Так появляется еще одно возможное толкование Апокалипсиса, на этот раз как остросовременного сверхзлободневного политического памфлета, в котором элементы пророчества должны рассматриваться не более как литературный прием, с помощью которого до современника доводилась идея неизбежности трудного и страшного конца Римской империи.

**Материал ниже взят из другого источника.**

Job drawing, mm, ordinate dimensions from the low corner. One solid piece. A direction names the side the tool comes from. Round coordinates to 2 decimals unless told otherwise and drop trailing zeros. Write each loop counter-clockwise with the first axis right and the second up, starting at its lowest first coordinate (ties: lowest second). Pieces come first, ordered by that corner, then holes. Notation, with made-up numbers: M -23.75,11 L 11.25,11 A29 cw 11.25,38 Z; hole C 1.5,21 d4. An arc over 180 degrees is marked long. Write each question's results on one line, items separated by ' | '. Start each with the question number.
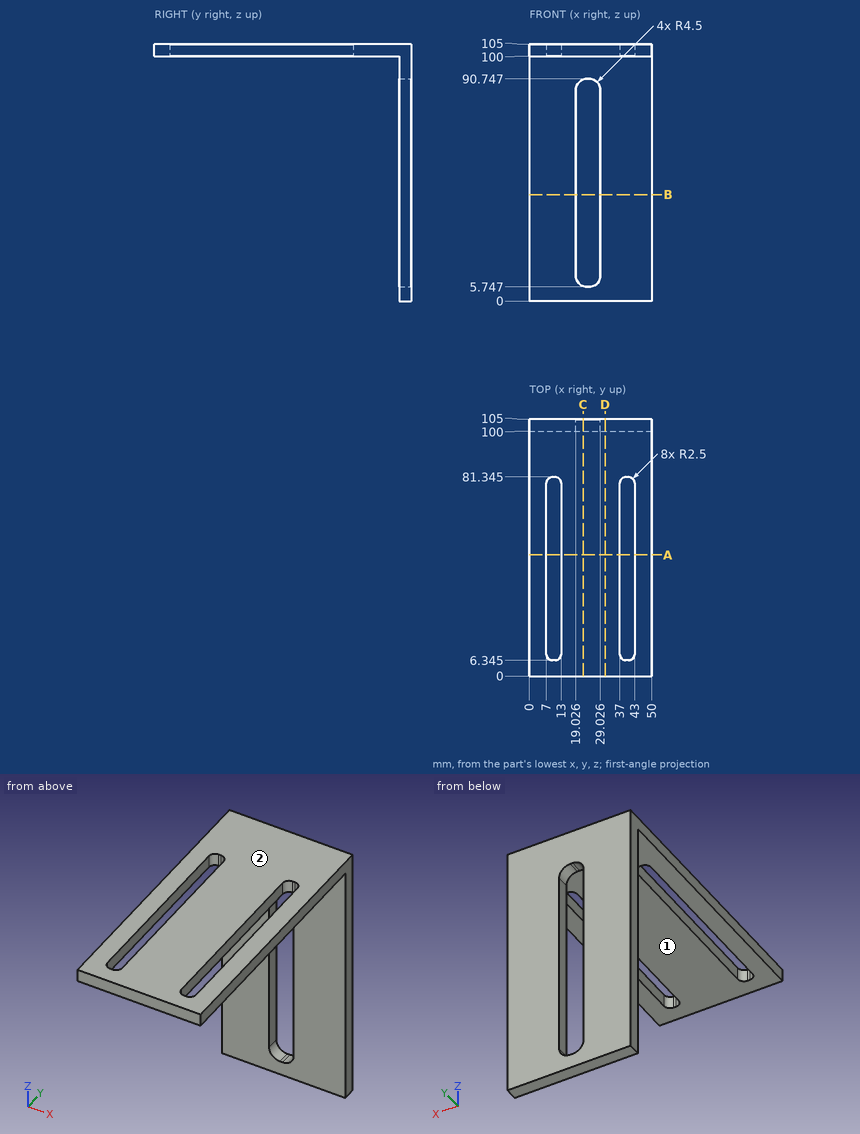
1) Wall check: line 1 along Y through (x, z) = (10, 11.5). Give the ranges that are in metal, low to high. Write a range as from..to.
2) Saw through at D-D, the plane x = 31. Write the cut outline in (y, z), plus the area to 4 significant figures.
3) Drop flat-ended pins along their axis: pin 1 Ø8 at (x, z) = (21.5, 25) entering from +Y; pin 2 Ø1.5 at (x, z) = (12, 13) entering from -Y; pin 3 Ø15 at (x, y) = (31, 61) entering from -Z; pin 4 Ø1 at (x, y) = (9, 27.5) entering from +Z. Give the stop position or say it passes through.
4) Saw through at A-A, the plane y = 49.5. Write the cut outline in (x, z).
5) 3-axis set-ups, long thin cutter, end or side, ignore diameter. For the marked faces 1 and 2: which of +Z, -Z, +X, -X, +Y, -Y reach the whole face in a straight line?
6) Saw through at C-C, the plane x = 22. Write the cut outline in (y, z), plus the area to 3 significant figures.
7) Saw through at B-B, the plane z = 43.5. Write the cut outline in (x, y).
Filled sheet:
1) line 1: y = 100..105
2) outline: M 0,100 L 100,100 L 100,0 L 105,0 L 105,105 L 0,105 Z | area: 1,025 mm^2
3) pin 1: stops at y = 105 | pin 2: stops at y = 100 | pin 3: stops at z = 100 | pin 4: passes through
4) outline: M 0,100 L 7,100 L 7,105 L 0,105 Z; M 13,100 L 37,100 L 37,105 L 13,105 Z; M 43,100 L 50,100 L 50,105 L 43,105 Z
5) face 1: -Z, +X, -X, -Y | face 2: +Z, +X, -X, +Y, -Y
6) outline: M 0,100 L 100,100 L 100,90.48 L 105,90.48 L 105,105 L 0,105 Z; M 100,0 L 105,0 L 105,6.01 L 100,6.01 Z | area: 603 mm^2
7) outline: M 0,100 L 19.03,100 L 19.03,105 L 0,105 Z; M 29.03,100 L 50,100 L 50,105 L 29.03,105 Z
```python
from build123d import *

# Parameters (mm, degrees)
L_BRACKET_BASE_DEPTH      = 40
CORNER_BLOCK_DEPTH        = 7
UPRIGHT_ROUNDED_TOP_DEPTH = 7
HUB_SKETCH_30_R           = 15
HUB_30_DEPTH              = 18
BORE_SKETCH_22_R          = 11
BORE_22_DEPTH             = 18
RIB_1_DEPTH               = 12
RIB_2_DEPTH               = 12
TRIANGULAR_CUT_1_DEPTH    = 6
TRIANGULAR_CUT_2_DEPTH    = 6


with BuildPart() as part:
    # L Profile Sketch → L Bracket Base (new body)
    with BuildSketch(Plane.XY):
        Polygon((0, 0), (34, 0), (34, 60), (27, 60), (27, 7), (0, 7), align=None)
    extrude(amount=L_BRACKET_BASE_DEPTH)

    # Corner Block Sketch → Corner Block (add)
    with BuildSketch(Plane(origin=(0, 7, 0), x_dir=(1, 0, 0), z_dir=(0, 1, 0))):
        with BuildLine():
            Line((-5, -5), (-5, -35))
            ThreePointArc((-5, -35), (-3.535533906, -38.535533906), (0, -40))
            Line((0, -40), (0, 0))
            ThreePointArc((0, 0), (-3.535533906, -1.464466094), (-5, -5))
        make_face()
    extrude(amount=-CORNER_BLOCK_DEPTH)

    # Upright Top Arc Sketch → Upright Rounded Top (add)
    with BuildSketch(Plane.ZY.offset(-27)):
        with BuildLine():
            Line((0, 60), (40, 60))
            ThreePointArc((40, 60), (20, 80), (0, 60))
        make_face()
    extrude(amount=-UPRIGHT_ROUNDED_TOP_DEPTH)

    # Hub Sketch Ø30 → Hub Ø30 (add)
    with BuildSketch(Plane.ZY.offset(-27)):
        with Locations(Location((20, 60, 0), (0, 0, 180))):
            Circle(HUB_SKETCH_30_R)
    extrude(amount=HUB_30_DEPTH)

    # Bore Sketch Ø22 → Bore Ø22 (cut)
    with BuildSketch(Plane.ZY.offset(-9)):
        with Locations((20, 60)):
            Circle(BORE_SKETCH_22_R)
    extrude(amount=-BORE_22_DEPTH, mode=Mode.SUBTRACT)

    # Rib 1 Sketch → Rib 1 (add)
    with BuildSketch(Plane.XY.offset(40)):
        Polygon((27, 7), (27, 27), (7, 7), align=None)
    extrude(amount=-RIB_1_DEPTH)

    # Rib 2 Sketch → Rib 2 (add)
    with BuildSketch(Plane(origin=(0, 0, 0), x_dir=(-1, 0, 0), z_dir=(0, 0, -1))):
        Polygon((-27, 7), (-7, 7), (-27, 27), align=None)
    extrude(amount=-RIB_2_DEPTH)

    # Triangular Cut 1 Sketch → Triangular Cut 1 (cut)
    with BuildSketch(Plane(origin=(0, 0, 0), x_dir=(-1, 0, 0), z_dir=(0, 0, -1))):
        Polygon((-27, 27), (-7, 7), (-27, 7), align=None)
    extrude(amount=-TRIANGULAR_CUT_1_DEPTH, mode=Mode.SUBTRACT)

    # Triangular Cut 2 Sketch → Triangular Cut 2 (cut)
    with BuildSketch(Plane.XY.offset(40)):
        Polygon((27, 27), (7, 7), (27, 7), align=None)
    extrude(amount=-TRIANGULAR_CUT_2_DEPTH, mode=Mode.SUBTRACT)


solid = part.part
```
CAD build for the part. Positions are in the model's coordinates, mm. A direction names the side the tool comes from. Coordinates: 2 decimals unless noted, no trailing zeros. Write each loop counter-clockwise with the first axis right and the second up, starting at its lowest first coordinate (ties: lowest second). Pieces come first, ordered by that corner, then holes.
(1) Cut at A-A, the plane x = 16.5. List the corners of the cut face in (y, z), and give its area (3 significant figures).
(2) Flat gauge pins, fed straight in: pin 1 (10 mm diameter, centred on x = 12.5, y = 13, fed in from +Z); pin 2 (10 mm diameter, centred on x = 13, y = 21, fed in from -Z); pin 3 (9 mm diameter, centred on y = 67, z = 16.5, fed in from -X); pin 4 (5 mm diameter, centred on x = 20, y = 60, fed in from -Z). Where does each tip first touch, or does it go through?
(3) Cut at C-C, the plane x = 12. List the corners of the cut face in (y, z).
(4) Cut at D-D, the plane y = 56.5. List the corners of the cut face in (x, z), and give its area (3 significant figures).
(5) Two-plate mould, pull along Z, no slides. Class faces 5 (the face through (27.2, 23.5, 0)), 6 (the face through (28, 23, 40)), 7 (the face through (7, 7, 20)), 8 (the face through (-5, 4, 20)): +Z half, -Z half, draft (parallel to the pull), parting line (faces both ways), or undercut.
(6) Drill centre lines: probe 1 along Y at (x, z) = (21.5, 20); probe 2 along Z at (x, y) = (15, 14.5); probe 3 along Y at (x, z) = (21, 12.5). Where is each one in solid material? Low to high.
(7) Cut at B-B, the plane z = 20. List the corners of the cut face in (x, y), and give its area (3 significant figures).
(8) 3-axis set-ups, long thin cutter, end or side, ignore diameter. For faces 1 (the face through (27, 60, 20)), 2 (the face through (21, 13, 34)), 3 (the face through (9, 50, 25)), 4 (the face through (21, 13, 6)): which of +Z, -Z, +X, -X, +Y, -Y reach the whole face in a straight line?
Geometry says:
1. outline: (0, 0) - (7, 0) - (7, 6) - (16.5, 6) - (16.5, 12) - (7, 12) - (7, 28) - (16.5, 28) - (16.5, 34) - (7, 34) - (7, 40) - (0, 40) - close; circle Ø30 at (60, 20); hole circle Ø22 at (60, 20)
1. area: 721 mm2
2. pin 1: stops at z = 34
2. pin 2: passes through
2. pin 3: stops at x = 9
2. pin 4: stops at z = 5
3. outline: (0, 0) - (7, 0) - (7, 6) - (12, 6) - (12, 12) - (7, 12) - (7, 28) - (12, 28) - (12, 34) - (7, 34) - (7, 40) - (0, 40) - close; circle Ø30 at (60, 20); hole circle Ø22 at (60, 20)
4. outline: (9, 5.41) - (27, 5.41) - (27, 0) - (34, 0) - (34, 40) - (27, 40) - (27, 34.59) - (9, 34.59) - (9, 30.43) - (27, 30.43) - (27, 9.57) - (9, 9.57) - close
4. area: 430 mm2
5. face 5: -Z half
5. face 6: +Z half
5. face 7: undercut
5. face 8: draft
6. probe 1: y = 0 to 7, 45 to 49, 71 to 75
6. probe 2: z = 6 to 12, 28 to 34
6. probe 3: y = 0 to 7, 47.01 to 51.95, 68.05 to 72.99
7. outline: (-5, 0) - (34, 0) - (34, 80) - (27, 80) - (27, 75) - (9, 75) - (9, 71) - (27, 71) - (27, 49) - (9, 49) - (9, 45) - (27, 45) - (27, 7) - (-5, 7) - close
7. area: 928 mm2
8. face 1: -X
8. face 2: +Z, -X
8. face 3: +Z, -Z, -X, +Y
8. face 4: -Z, -X
```python
from build123d import *

# Parameters (mm, degrees)
SKETCH_1_W          = 6.5
SKETCH_1_H          = 8
SKETCH_2_R          = 4
EXTRUDE_1_DEPTH     = 40
CUT_EXTRUDE_1_DEPTH = 4
CHAMFER_1_SIZE      = 0.65
CHAMFER_2_SIZE      = 0.767


with BuildPart() as part:
    # 草图1 → 旋转1 (revolve)
    with BuildSketch(Plane(origin=(0, 0, 0), x_dir=(1, 0, 0), z_dir=(0, 1, 0))):
        with Locations((3.25, -4)):
            Rectangle(SKETCH_1_W, SKETCH_1_H)
    revolve(axis=Axis((0, 0, 0), (0, 0, 1)))

    # 草图2 → 凸台-拉伸1 (add)
    with BuildSketch(Plane(origin=(0, 0, 0), x_dir=(-1, 0, 0), z_dir=(0, 0, -1))):
        Circle(SKETCH_2_R)
    extrude(amount=EXTRUDE_1_DEPTH)

    # 草图3 → 切除-拉伸1 (cut)
    with BuildSketch(Plane.XY.offset(8)):
        Polygon((3, 1.732050808), (0, 3.464101615), (-3, 1.732050808), (-3, -1.732050808), (0, -3.464101615), (3, -1.732050808), align=None)
    extrude(amount=-CUT_EXTRUDE_1_DEPTH, mode=Mode.SUBTRACT)

    # 草图4 → 切除-旋转1 (revolve, cut)
    with BuildSketch(Plane.XZ, mode=Mode.PRIVATE) as cut_revolve_1_sk:
        Polygon((3, 4), (0, 4), (0, 2.267949192), align=None)
    revolve(cut_revolve_1_sk.sketch.rotate(Axis((0, 0, 4), (0, 0, -1)), 90), axis=Axis((0, 0, 4), (0, 0, -1)), mode=Mode.SUBTRACT)

    # 倒角1
    chamfer_1_edges = [part.edges().sort_by_distance(p)[0] for p in [
        (-6.5, 0, 8),
    ]]
    chamfer(chamfer_1_edges, length=CHAMFER_1_SIZE)

    # 倒角2
    chamfer_2_edges = [part.edges().sort_by_distance(p)[0] for p in [
        (4, 0, -40),
    ]]
    chamfer(chamfer_2_edges, length=CHAMFER_2_SIZE)


solid = part.part
```
Verification items for the finished model (mm, model axes). A direction names the side the tool comes from. Round coordinates to 2 decimals unless told otherwise and drop trailing zeros. Write each loop counter-clockwise with the first axis right and the second up, starting at its lowest first coordinate (ties: lowest second). Pieces come first, ordered by that corner, then holes.
1. Gauge pin test, flat ends, axial feed: P1, Ø1, axis at x = -3.5, y = 3, coming from the -Z side; P2, Ø1.5, axis at x = -0.5, z = -31.5, coming from the -Y side; P3, Ø1.5, axis at y = 1, z = 1.5, coming from the -X side. Record the tip position at first contact, or that the pin passes through.
2. Scan lines: L1, parallel to Z at x = 5, y = -1; L2, parallel to X at y = 2, z = -36; L3, parallel to Z at x = 0.25, y = 3. Record each from-to range of solid material in increasing order.
3. Section check B-B on z = 1.5. Enter the section's corners in (x, y), plus the area to 3 significant figures.
4. Section check A-A on z = -35.5. Enter the section's corners in (x, y), plus the area to 3 significant figures.
5. Access from +Z, -Z, +X, -X, +Y, -Y to the whole of each face (thin tool, end or side, straight path). Record for faces 5 (the flat face through (-3, 3, 0)), 6 (the flat face through (-1.5, 2.6, 6)), 7 (the cylindrical face through (-5.158, -3.955, 3.624)).
6. Draft check along X on faces 1 (the cylindrical face through (0.867, -3.905, -19.342)), 2 (the flat face through (-3, -3, 8)), 3 (the flat face through (-2.8, -1.6, 4)), 4 (the flat face through (-3, 0, 6)). Enter one of: +X half, -X half, draft (parallel to the pull), parting line (faces both ways), or undercut.
Answer:
1. P1: stops at z = 0
1. P2: stops at y = -4
1. P3: stops at x = -6.5
2. L1: z = 0 to 8
2. L2: x = -3.46 to 3.46
2. L3: z = -40 to 4
3. outline: circle Ø13 at (0, 0)
3. area: 133 mm2
4. outline: circle Ø8 at (0, 0)
4. area: 50.3 mm2
5. face 5: -Z
5. face 6: +Z
5. face 7: +Z, -Z
6. face 1: parting line
6. face 2: draft
6. face 3: undercut
6. face 4: undercut
Can you work these out from the model? Positions are in its coordinate system, mm. A direction names the side the tool comes from. Round coordinates to 2 decimals unless told otherwise and drop trailing zeros. Loops run counter-clockwise (first coordinate to the right, second up) from the corner with the lowest first, then second, coordinate; pieces in that order, holes last.
```python
from build123d import *

# Parameters (mm, degrees)
BOSS_EXTRUDE1_DEPTH  = 12
FILLET1_R            = 5
M5_CLEARANCE_HOLE1_D = 5.5
M5_CLEARANCE_HOLE2_D = 5.5


with BuildPart() as part:
    # Sketch1 → Boss-Extrude1 (new body)
    with BuildSketch(Plane(origin=(0, 0, 0), x_dir=(0, 0, -1), z_dir=(1, 0, 0))):
        Polygon((0, 0), (0, 50), (10, 50), (10, 10), (50, 10), (50, 0), align=None)
    extrude(amount=BOSS_EXTRUDE1_DEPTH)

    # Fillet1
    fillet1_edges = [part.edges().sort_by_distance(p)[0] for p in [
        (6, 10, -10),
    ]]
    fillet(fillet1_edges, radius=FILLET1_R)

    # M5 Clearance Hole1 (through all)
    with Locations(Plane(origin=(0, 0, -10), x_dir=(-1, 0, 0), z_dir=(0, 0, -1))):
        with Locations((-6, 25), (-6, 45)):
            Hole(M5_CLEARANCE_HOLE1_D / 2)

    # M5 Clearance Hole2 (through all)
    with Locations(Plane(origin=(0, 10, 0), x_dir=(1, 0, 0), z_dir=(0, 1, 0))):
        with Locations((6, 45), (6, 25)):
            Hole(M5_CLEARANCE_HOLE2_D / 2)


solid = part.part
```
(1) If I drill on line 1 (Z direction, x = 6, y = 3.25); line 2 (Y direction, x = 6, z = -3.5); line 3 (X direction, y = 6.25, z = -45), over which ranges is the centre line in solid material (lowest first)?
(2) Suppose I cut it at D-D (x = 10.5). Write out the boundary of the cut face in (y, z).
(3) For pin 1 (3.5 mm diameter, centred on x = 8, y = 25.5, fed in from -Z); pin 2 (5 mm diameter, centred on x = 6, y = 25, fed in from -Z); pin 3 (6 mm diameter, centred on x = 6, z = -29.5, fed in from +Y), each with a flat end and sliding along its axis, tell me the tip position at first contact or that it passes through.
(4) Which directions (+Z, -Z, +X, -X, +Y, -Y) give clear straight access to the entire face, cutting with the end or side of a thin tool? Please do faces 5 (the flat face through (0, 14, -9)), 6 (the flat face through (6, 33, -10)).
(5) Suppose I cut it at B-B (x = 6). Write out the boundary of the cut face in (y, z).
(6) Suppose I cut it at C-C (y = 45). Write out the boundary of the cut face in (x, z), then the cut area to 3 significant figures.
(7) Suppose I cut it at A-A (z = -45). Write out the boundary of the cut face in (x, y).
(8) We'd pull the mould along X, two halves only. Please class faces 1 (the cylindrical face through (5.642, 27.727, -4.93)), 2 (the flat face through (12, 14, -9)), 3 (the flat face through (6, 5, -50)), 4 (the cylindrical face through (6.358, 4.93, -27.727)): released by +X, released by -X, zero draft, split by the parting line, or undercut.
Check result:
1. line 1: z = -50 to -47.75, -42.25 to -27.75, -22.25 to 0
1. line 2: y = 0 to 22.25, 27.75 to 42.25, 47.75 to 50
1. line 3: x = 0 to 3.25, 8.75 to 12
2. outline: (0, -50) - (10, -50) - (10, -15) arc R5 cw to (15, -10) - (50, -10) - (50, 0) - (0, 0) - close
3. pin 1: stops at z = -10
3. pin 2: passes through
3. pin 3: stops at y = 10
4. face 5: +Z, -Z, -X, +Y, -Y
4. face 6: -Z, +X, -X, +Y
5. outline: (0, -50) - (10, -50) - (10, -47.75) - (0, -47.75) - close; (0, -42.25) - (10, -42.25) - (10, -27.75) - (0, -27.75) - close; (0, -22.25) - (10, -22.25) - (10, -15) arc R5 cw to (15, -10) - (22.25, -10) - (22.25, 0) - (0, 0) - close; (27.75, -10) - (42.25, -10) - (42.25, 0) - (27.75, 0) - close; (47.75, -10) - (50, -10) - (50, 0) - (47.75, 0) - close
6. outline: (0, -10) - (3.25, -10) - (3.25, 0) - (0, 0) - close; (8.75, -10) - (12, -10) - (12, 0) - (8.75, 0) - close
6. area: 65.0 mm2
7. outline: (0, 0) - (3.25, 0) - (3.25, 10) - (0, 10) - close; (8.75, 0) - (12, 0) - (12, 10) - (8.75, 10) - close
8. face 1: undercut
8. face 2: released by +X
8. face 3: zero draft
8. face 4: undercut

Главный же кайф современник должен был ловить, узнавая знакомую атрибутику римской иерархии, римской персоналии, римской инфраструктуры в чудовищных образах Зверя, железной саранчи и прочего. Во всяком случае, когда в конце шестидесятых Прохор, переводя с листа, читал Иоанну-Агасферу избранные отрывки из своего Апокалипсиса, пророк хлопал себя по коленям от удовольствия и, похохатывая, приговаривал: «Да, сынок, тут ты их поддел, ничего не скажешь, молодец…» А когда чтение закончилось, он, сделав несколько чисто стилистических замечаний, предрек: «Имей в виду, Прохор, этой твоей штуке суждена очень долгая жизнь, и много голов над ней поломается…»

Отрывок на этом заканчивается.